昨今の資本市場では、長期持続的な企業の成長を評価する上で不可欠な観点として、ESG(Environmental/環境、Social/社会、Governance/ガバナンス)といった非財務情報への関心が高まっています。健康という大きな社会課題に取り組む中外製薬にとって、ESGは長期持続的なミッションの実現に向けた活動と一体のものとなっており、これらの活動の継続的な強化を通じて中長期的な価値創造が可能になると考えています。
Environmental環境
1地球環境
中外製薬は、生命関連企業であるため、科学的・専門的な活動が多く、環境保全においても果たすべき役割は多大であり、すべての事業活動を支える重要な取り組みであるととらえています。そのため、企業の持続的発展のみではなく、地域社会、地球全体の環境保全に向け、重点項目、中長期的目標を設定し、全社的な取り組みとして推進しています。
環境マネジメントシステム
気候変動対策
気候変動対策は、ますます世界的に重視される重要課題であり、フロン規制の強化も想定される中、従来の取り組みの延長線上では限界があり、より高い水準での取り組みが不可欠となります。長期的かつ大規模な対策が必要となる気候変動対策について、2050年を最終年とした長期目標として、CO2排出量ゼロを目指します。

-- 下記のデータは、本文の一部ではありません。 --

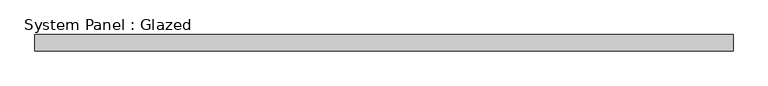
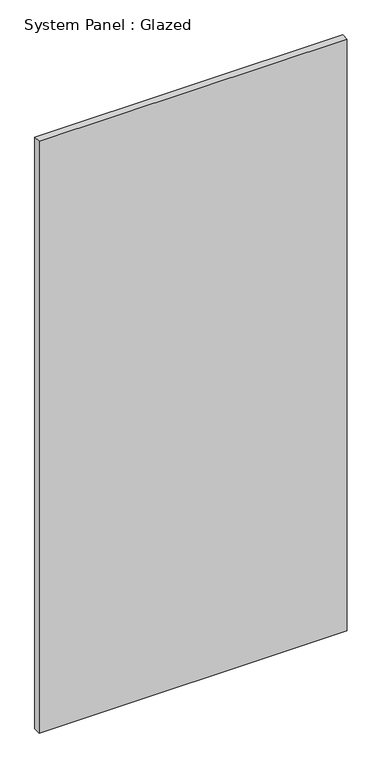
"""IFC4 building model written with IfcOpenShell, lengths in millimetres: plate geometry, System Panel : Glazed."""

from ifc_helpers import new_model, si_unit, origin, origin_with_axes, place, context, project, spatial, polyline, outline, extrude, source, transform, mapped, element, save


def system_panel_glazed_98578528(model_context):
    return source(origin(), model_context, "Body", "SweptSolid", [
        extrude(outline(polyline([(539.75, 19.05), (-539.75, 19.05), (-539.75, 44.45), (539.75, 44.45), (539.75, 19.05)])), origin_with_axes(), (0.0, 0.0, 1.0), 2190.75),
    ])


if __name__ == "__main__":
    model = new_model("IFC4")
    model_context = context("Model", 3, world=origin())
    ifc_project = project(units=[si_unit("LENGTHUNIT", "METRE", prefix="MILLI")], contexts=[model_context])
    site = spatial("IfcSite", under=ifc_project)
    building = spatial("IfcBuilding", under=site)
    placement = place(None, origin())
    system_panel_glazed_shape = system_panel_glazed_98578528(model_context)
    element("IfcPlate", 1, ObjectType="System Panel : Glazed", at=placement, inside=building, context=model_context, shape_type="MappedRepresentation", body=[
        mapped(system_panel_glazed_shape, transform((0.0, 0.0, 0.0), x_axis=(1.0, 0.0, 0.0), y_axis=(0.0, 1.0, 0.0), z_axis=(0.0, 0.0, 1.0))),
    ])
    save(model, "model.ifc")

# Revit data of these elements
# Type "System Panel : Glazed"
#   Construction Type Id = "GSP4R"
#   Analytic Construction = "1/8 in Pilkington single glazing"
#   Visual Light Transmittance = 0.9
#   Solar Heat Gain Coefficient = 0.86
#   Heat Transfer Coefficient (U) = 1.18115 BTU/(h·ft²·°F)
#   Define Thermal Properties by = 1
# Element 1 (IfcPlate, "System Panel : Glazed")
#   Materials on its faces: "Glass"
# Materials
#   "Glass": class "Glass", colour RGB 0 128 192, transparency 0.75, Description = "Soda Lime Glass", Cost = 0

また、「TCFD(気候関連財務情報開示タスクフォース)提言」のフレームワークに基づき実施したシナリオ分析を通じた気候変動リスクと機会への対応およびさらなる情報開示の充実に取り組んでいきます。
- 気候変動対策(GHG排出量の削減、エネルギー消費量の削減、フロン類の使用中止/転換、エコカー導入状況、気候変動対策に関する認証・情報開示)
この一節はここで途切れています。